1. How are the two numbers in step (iv) related?

It is the binary and hexadecimal versions of the same number.

1. Give a short description (1 sentence or less) for each step.
   * 1. Step 1 sets up categories/format of what the instruction is doing.

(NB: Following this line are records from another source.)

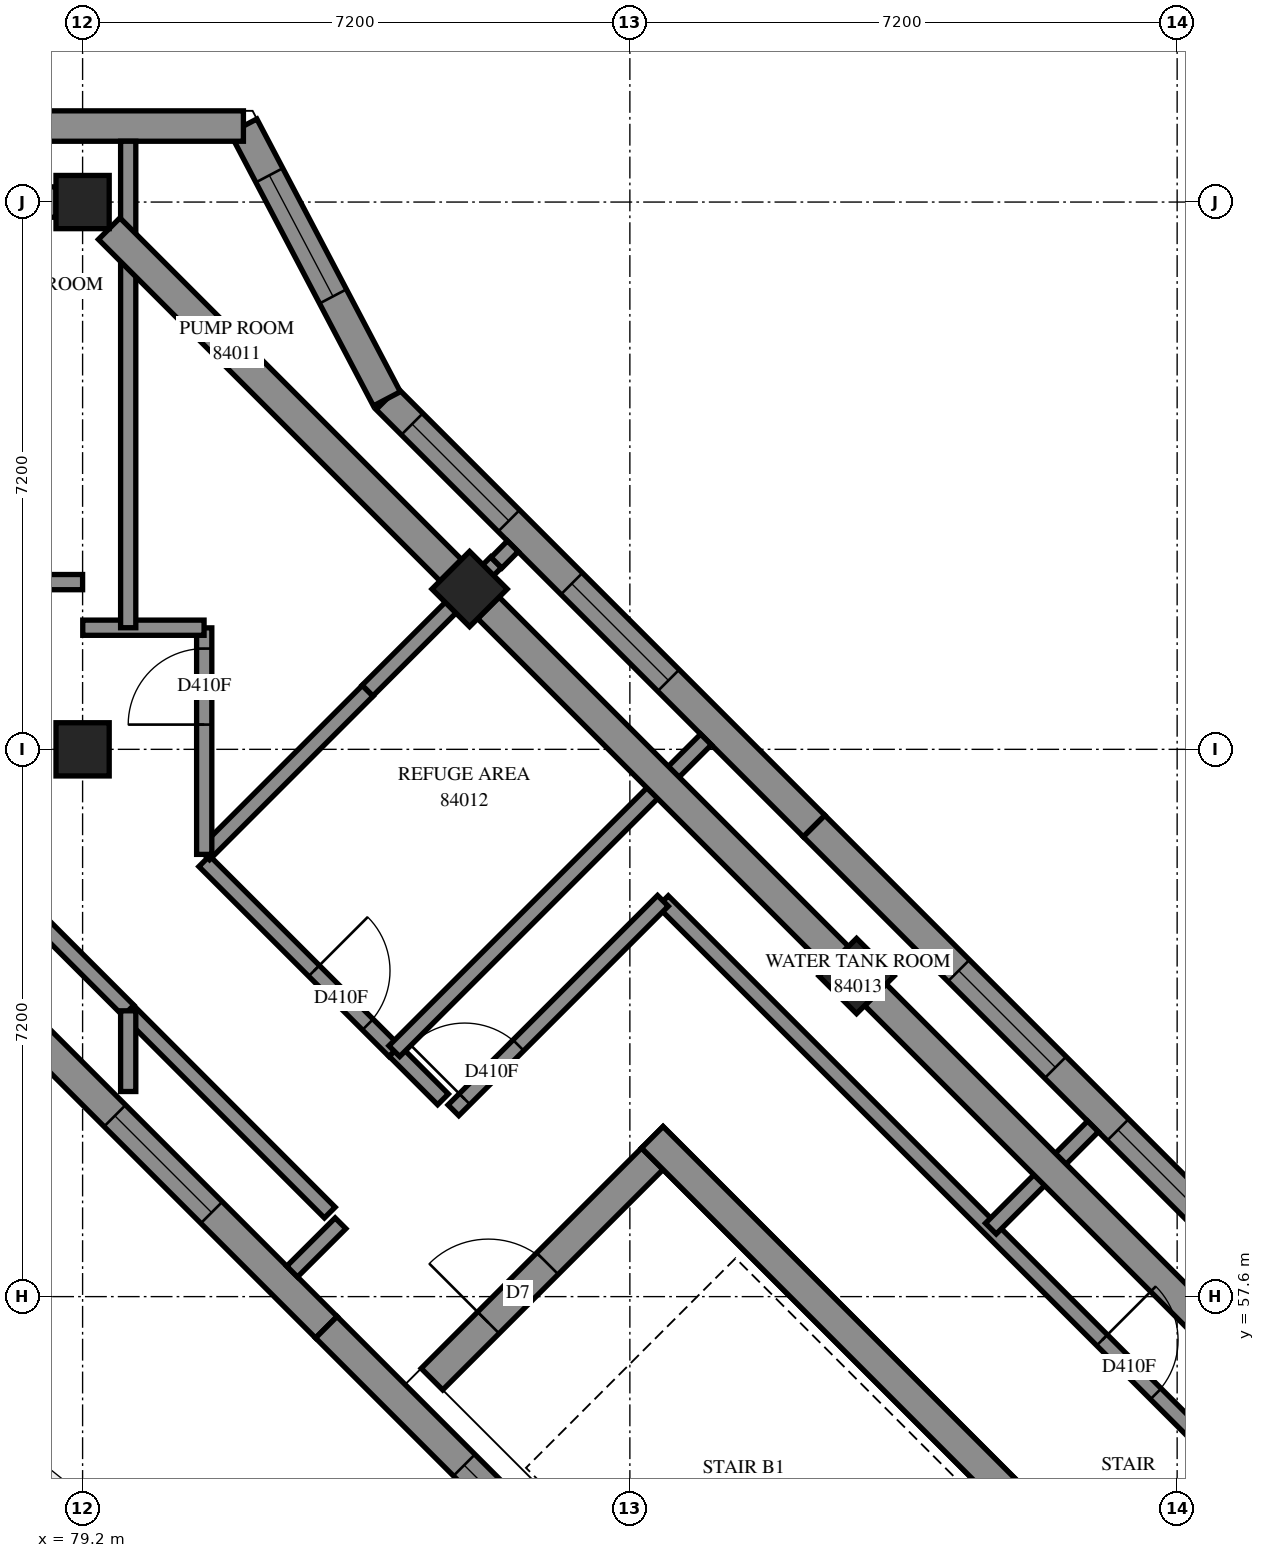
"""IFC4 building model, lengths in metres.
Left out: names, types, materials, properties, quantities, classifications, styles, units other than length and angle.
Written with IfcOpenShell. Run it as: python <this file> out.ifc"""

import sys

from ifc_helpers import new_model, si_unit, direction, frame, frame_2d, origin, origin_2d, place, context, subcontext, project, spatial, polyline, rectangle, outline, extrude, element, fill, save


model = new_model("IFC4")
c1 = context("Model", 3, precision=1e-05, world=origin(), true_north=direction((0.0, 1.0)))
c2 = subcontext(c1, "Body", "Model", "MODEL_VIEW")
j1 = project(units=[si_unit("LENGTHUNIT", "METRE"), si_unit("PLANEANGLEUNIT", "RADIAN")], contexts=[c1])
p1 = place(None, origin())
s1 = spatial("IfcSite", under=j1, at=p1, CompositionType="ELEMENT")
p2 = place(p1, origin())
s2 = spatial("IfcBuilding", under=s1, at=p2, CompositionType="ELEMENT")
p3 = place(p2, frame((0.0, 0.0, 309.6)))
s3 = spatial("IfcBuildingStorey", under=s2, at=p3, CompositionType="ELEMENT", Elevation=309.6)
for number, where, z_axis, x_axis in (
    (1, (79.2, 64.8, 0.0), (0.0, 0.0, 1.0), (1.0, 0.0, 0.0)),
    (2, (79.2, 72.0, 0.0), (0.0, 0.0, 1.0), (1.0, 0.0, 0.0)),
    (3, (84.291, 66.909, 0.0), (0.0, 0.0, 1.0), (0.707, -0.707, 0.0)),
    (4, (89.382, 61.818, 0.0), (0.0, 0.0, 1.0), (0.707, -0.707, 0.0)),
):
    element("IfcColumn", number, at=place(p3, frame(where, z_axis=z_axis, x_axis=x_axis)), inside=s3, PredefinedType="COLUMN", context=c2, shape_type="SweptSolid", body=[
        extrude(rectangle(XDim=0.7, YDim=0.7, at=origin_2d()), origin(), (0.0, 0.0, 1.0), 3.5),
    ])
p4 = place(p3, frame((86.695, 59.696, -0.3), z_axis=(0.0, 0.0, 1.0), x_axis=(0.7071100706, -0.7071034917, 0.0)))
e5 = element("IfcWall", 5, at=p4, inside=s3, PredefinedType="SHEAR", context=c2, shape_type="SweptSolid", body=[
    extrude(outline(polyline([(0.0, 0.0), (15.2, 0.0), (15.2, 3.1), (0.0, 3.1), (0.0, 0.0)])), frame((0.0, 0.2, 0.0), z_axis=(0.0, -1.0, 0.0), x_axis=(1.0, 0.0, 0.0)), (0.0, 0.0, 1.0), 0.4),
])
p5 = place(p4, frame((10.4, 0.0, 0.3)))
e6 = element("IfcOpeningElement", 6, at=p5, cuts=e5, PredefinedType="OPENING", context=c2, shape_type="SweptSolid", body=[
    extrude(rectangle(XDim=0.8, YDim=2.1, at=frame_2d((0.4, 1.05))), frame((0.0, 0.21, 0.0), z_axis=(0.0, -1.0, 0.0), x_axis=(1.0, 0.0, 0.0)), (0.0, 0.0, 1.0), 0.42),
])
p6 = place(p3, frame((83.796, 56.514, -0.3), z_axis=(0.0, 0.0, 1.0), x_axis=(0.7071067812, 0.7071067812, 0.0)))
e7 = element("IfcWall", 7, at=p6, inside=s3, PredefinedType="SHEAR", context=c2, shape_type="SweptSolid", body=[
    extrude(outline(polyline([(0.0, 0.0), (4.1, 0.0), (4.1, 3.1), (0.0, 3.1), (0.0, 0.0)])), frame((0.0, 0.2, 0.0), z_axis=(0.0, -1.0, 0.0), x_axis=(1.0, 0.0, 0.0)), (0.0, 0.0, 1.0), 0.4),
])
p7 = place(p6, frame((1.05, 0.0, 0.3)))
e8 = element("IfcOpeningElement", 8, at=p7, cuts=e7, PredefinedType="OPENING", context=c2, shape_type="SweptSolid", body=[
    extrude(rectangle(XDim=1.1, YDim=2.1, at=frame_2d((0.55, 1.05))), frame((0.0, 0.21, 0.0), z_axis=(0.0, -1.0, 0.0), x_axis=(1.0, 0.0, 0.0)), (0.0, 0.0, 1.0), 0.42),
])
p8 = place(p3, frame((94.42, 58.194, 0.0), z_axis=(0.0, 0.0, 1.0), x_axis=(-0.7071067812, 0.7071067812, 0.0)))
e9 = element("IfcWall", 9, at=p8, inside=s3, PredefinedType="SOLIDWALL", context=c2, shape_type="SweptSolid", body=[
    extrude(outline(polyline([(0.0, -0.2), (7.917, -0.2), (7.917, 0.2), (0.0, 0.2), (0.0, -0.2)])), origin(), (0.0, 0.0, 1.0), 3.5),
])
p9 = place(p8, frame((0.462, 0.0, 0.7)))
e10 = element("IfcOpeningElement", 10, at=p9, cuts=e9, PredefinedType="OPENING", context=c2, shape_type="SweptSolid", body=[
    extrude(rectangle(XDim=1.8, YDim=2.2, at=frame_2d((0.9, 1.1))), frame((0.0, 0.21, 0.0), z_axis=(0.0, -1.0, 0.0), x_axis=(1.0, 0.0, 0.0)), (0.0, 0.0, 1.0), 0.42),
])
p10 = place(p8, frame((3.425, 0.0, 0.7)))
e11 = element("IfcOpeningElement", 11, at=p10, cuts=e9, PredefinedType="OPENING", context=c2, shape_type="SweptSolid", body=[
    extrude(rectangle(XDim=1.8, YDim=2.2, at=frame_2d((0.9, 1.1))), frame((0.0, 0.21, 0.0), z_axis=(0.0, -1.0, 0.0), x_axis=(1.0, 0.0, 0.0)), (0.0, 0.0, 1.0), 0.42),
])
p11 = place(p3, frame((88.822, 63.792, 0.0), z_axis=(0.0, 0.0, 1.0), x_axis=(-0.7071130728, 0.7071004896, 0.0)))
e12 = element("IfcWall", 12, at=p11, inside=s3, PredefinedType="SOLIDWALL", context=c2, shape_type="SweptSolid", body=[
    extrude(outline(polyline([(0.0, -0.2), (7.917, -0.2), (7.978, 0.2), (0.0, 0.2), (0.0, -0.2)])), origin(), (0.0, 0.0, 1.0), 3.5),
])
p12 = place(p11, frame((2.708, 0.0, 0.7)))
e13 = element("IfcOpeningElement", 13, at=p12, cuts=e12, PredefinedType="OPENING", context=c2, shape_type="SweptSolid", body=[
    extrude(rectangle(XDim=1.8, YDim=2.2, at=frame_2d((0.9, 1.1))), frame((0.0, 0.21, 0.0), z_axis=(0.0, -1.0, 0.0), x_axis=(1.0, 0.0, 0.0)), (0.0, 0.0, 1.0), 0.42),
])
p13 = place(p11, frame((5.678, 0.0, 0.7)))
e14 = element("IfcOpeningElement", 14, at=p13, cuts=e12, PredefinedType="OPENING", context=c2, shape_type="SweptSolid", body=[
    extrude(rectangle(XDim=1.8, YDim=2.2, at=frame_2d((0.9, 1.1))), frame((0.0, 0.21, 0.0), z_axis=(0.0, -1.0, 0.0), x_axis=(1.0, 0.0, 0.0)), (0.0, 0.0, 1.0), 0.42),
])
p14 = place(p3, frame((83.203, 69.411, 0.0), z_axis=(0.0, 0.0, 1.0), x_axis=(-0.465420108, 0.8850898955, 0.0)))
e15 = element("IfcWall", 15, at=p14, inside=s3, PredefinedType="SOLIDWALL", context=c2, shape_type="SweptSolid", body=[
    extrude(outline(polyline([(0.03, -0.2), (4.175, -0.2), (3.934, 0.2), (-0.03, 0.2), (0.03, -0.2)])), origin(), (0.0, 0.0, 1.0), 3.5),
])
p15 = place(p14, frame((1.522, 0.0, 0.7)))
e16 = element("IfcOpeningElement", 16, at=p15, cuts=e15, PredefinedType="OPENING", context=c2, shape_type="SweptSolid", body=[
    extrude(rectangle(XDim=1.8, YDim=2.2, at=frame_2d((0.9, 1.1))), frame((0.0, 0.21, 0.0), z_axis=(0.0, -1.0, 0.0), x_axis=(1.0, 0.0, 0.0)), (0.0, 0.0, 1.0), 0.42),
])
p16 = place(p3, frame((81.316, 73.0, 0.0), z_axis=(0.0, 0.0, 1.0), x_axis=(-1.0, 0.0, 0.0)))
e17 = element("IfcWall", 17, at=p16, inside=s3, PredefinedType="SOLIDWALL", context=c2, shape_type="SweptSolid", body=[
    extrude(outline(polyline([(-0.121, -0.2), (11.749, -0.2), (11.349, 0.2), (0.121, 0.2), (-0.121, -0.2)])), origin(), (0.0, 0.0, 1.0), 3.5),
])
p17 = place(p16, frame((3.166, 0.0, 0.7)))
e18 = element("IfcOpeningElement", 18, at=p17, cuts=e17, PredefinedType="OPENING", context=c2, shape_type="SweptSolid", body=[
    extrude(rectangle(XDim=1.8, YDim=2.2, at=frame_2d((0.9, 1.1))), frame((0.0, 0.21, 0.0), z_axis=(0.0, -1.0, 0.0), x_axis=(1.0, 0.0, 0.0)), (0.0, 0.0, 1.0), 0.42),
])
p18 = place(p16, frame((6.416, 0.0, 0.7)))
e19 = element("IfcOpeningElement", 19, at=p18, cuts=e17, PredefinedType="OPENING", context=c2, shape_type="SweptSolid", body=[
    extrude(rectangle(XDim=1.8, YDim=2.2, at=frame_2d((0.9, 1.1))), frame((0.0, 0.21, 0.0), z_axis=(0.0, -1.0, 0.0), x_axis=(1.0, 0.0, 0.0)), (0.0, 0.0, 1.0), 0.42),
])
p19 = place(p3, frame((77.439, 62.164, 0.0), z_axis=(0.0, 0.0, 1.0), x_axis=(0.7071067812, -0.7071067812, 0.0)))
e20 = element("IfcWall", 20, at=p19, inside=s3, PredefinedType="SOLIDWALL", context=c2, shape_type="SweptSolid", body=[
    extrude(outline(polyline([(0.034, -0.2), (7.024, -0.2), (7.024, 0.2), (-0.034, 0.2), (0.034, -0.2)])), origin(), (0.0, 0.0, 1.0), 3.5),
])
p20 = place(p19, frame((3.09, 0.0, 0.7)))
e21 = element("IfcOpeningElement", 21, at=p20, cuts=e20, PredefinedType="OPENING", context=c2, shape_type="SweptSolid", body=[
    extrude(rectangle(XDim=1.8, YDim=2.2, at=frame_2d((0.9, 1.1))), frame((0.0, 0.21, 0.0), z_axis=(0.0, -1.0, 0.0), x_axis=(1.0, 0.0, 0.0)), (0.0, 0.0, 1.0), 0.42),
])
p21 = place(p3, frame((82.406, 57.197, 0.0), z_axis=(0.0, 0.0, 1.0), x_axis=(0.7071067812, -0.7071067812, 0.0)))
e22 = element("IfcWall", 22, at=p21, inside=s3, PredefinedType="SOLIDWALL", context=c2, shape_type="SweptSolid", body=[
    extrude(outline(polyline([(0.0, -0.2), (6.99, -0.2), (6.99, 0.2), (0.0, 0.2), (0.0, -0.2)])), origin(), (0.0, 0.0, 1.0), 3.5),
])
p22 = place(p21, frame((2.565, 0.0, 0.7)))
e23 = element("IfcOpeningElement", 23, at=p22, cuts=e22, PredefinedType="OPENING", context=c2, shape_type="SweptSolid", body=[
    extrude(rectangle(XDim=1.8, YDim=2.2, at=frame_2d((0.9, 1.1))), frame((0.0, 0.21, 0.0), z_axis=(0.0, -1.0, 0.0), x_axis=(1.0, 0.0, 0.0)), (0.0, 0.0, 1.0), 0.42),
])
p23 = place(p3, frame((86.835, 62.803, 0.0), z_axis=(0.0, 0.0, 1.0), x_axis=(0.7072045346, -0.7070090143, 0.0)))
e24 = element("IfcWall", 24, at=p23, inside=s3, PredefinedType="PARTITIONING", context=c2, shape_type="SweptSolid", body=[
    extrude(rectangle(XDim=13.298, YDim=0.2, at=frame_2d((6.649, 0.0))), origin(), (0.0, 0.0, 1.0), 3.5),
])
p24 = place(p23, frame((8.169, 0.0, 0.0)))
e25 = element("IfcOpeningElement", 25, at=p24, cuts=e24, PredefinedType="OPENING", context=c2, shape_type="SweptSolid", body=[
    extrude(rectangle(XDim=1.0, YDim=2.1, at=frame_2d((0.5, 1.05))), frame((0.0, 0.11, 0.0), z_axis=(0.0, -1.0, 0.0), x_axis=(1.0, 0.0, 0.0)), (0.0, 0.0, 1.0), 0.22),
])
p25 = place(p3, frame((84.079, 60.051, 0.0), z_axis=(0.0, 0.0, 1.0), x_axis=(0.7071067812, 0.7071067812, 0.0)))
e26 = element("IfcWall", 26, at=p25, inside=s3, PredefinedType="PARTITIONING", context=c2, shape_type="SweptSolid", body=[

* + 1. Step 2 fills in the categories of step 1 with numbers

* + 1. Step 3 converts all numbers to binary

* + 1. Step 4 removes the categories and puts all of the binary numbers in order. Also translates to hexadecimal.

# Read this!

Having an arbitrary mapping of instructions to binary numbers would be quite complex. What the computer architects did instead was quite intentional: they broke the instructions up into meaningful ***fields***, each specifying an attribute like an operand or the operation.

# Exercises

1. Translate the following instructions to machine code using the same steps as above.
   1. orreq R12, R1, R8

|  |  |  |  |  |  |  |  |  |
| --- | --- | --- | --- | --- | --- | --- | --- | --- |
| **cond** | **op** | **I / cmd / S** | **Rn** | **Rd** | **shamt5** | **sh** | **0** | **Rm** |
| 0000 | 00 | 011000 | 1 | 12 | 0 | 0 | 0 | 8 |
| 0000 | 00 | 0 1100 0 | 0001 | 1100 | 00000 | 00 | 0 | 1000 |

as binary: 0000 00 011000 0001 1100 00000 00 0 1000

as hexadecimal: 0x181C008

* 1. eor R7, R3, #25600

|  |  |  |  |  |  |  |
| --- | --- | --- | --- | --- | --- | --- |
| **cond** | **op** | **I / cmd / S** | **Rn** | **Rd** | **rot** | **imm8** |
| 1110 | 00 | 1 0001 0 | 3 | 7 | 11 | 0x1916 |
| 1110 | 00 | 100010 | 0011 | 0111 | 1011 | 00011001 |

000…0110010000000000

Shift right 10 = shift left 32 – 10 = 22 / 2 = 11

as binary: 1110 00 100010 0011 0111 1011 00011001

as hexadecimal: 0xE2237B19

# Extension Questions

1. The ARM instruction formats do not make full use of the 32 bits.
2. Give an example of a 32-bit code that is unused: that is, it does not correspond to any ARM instruction. Explain your answer.
3. Give an example of two 32-bit codes that are redundant: that is, they represent the *same* ARM instruction. By "same ARM instruction" we mean they both correspond to the same syntax. We **do not** mean two instructions with different syntax that achieve the same effect, such as

add R0, R1, #0

sub R0, R1, #0

1. Do you think having unused and redundant codes is a reasonable design choice for an instruction set architecture? Why? What is an alternative approach that would reduce waste? Can you think of disadvantages to that alternative?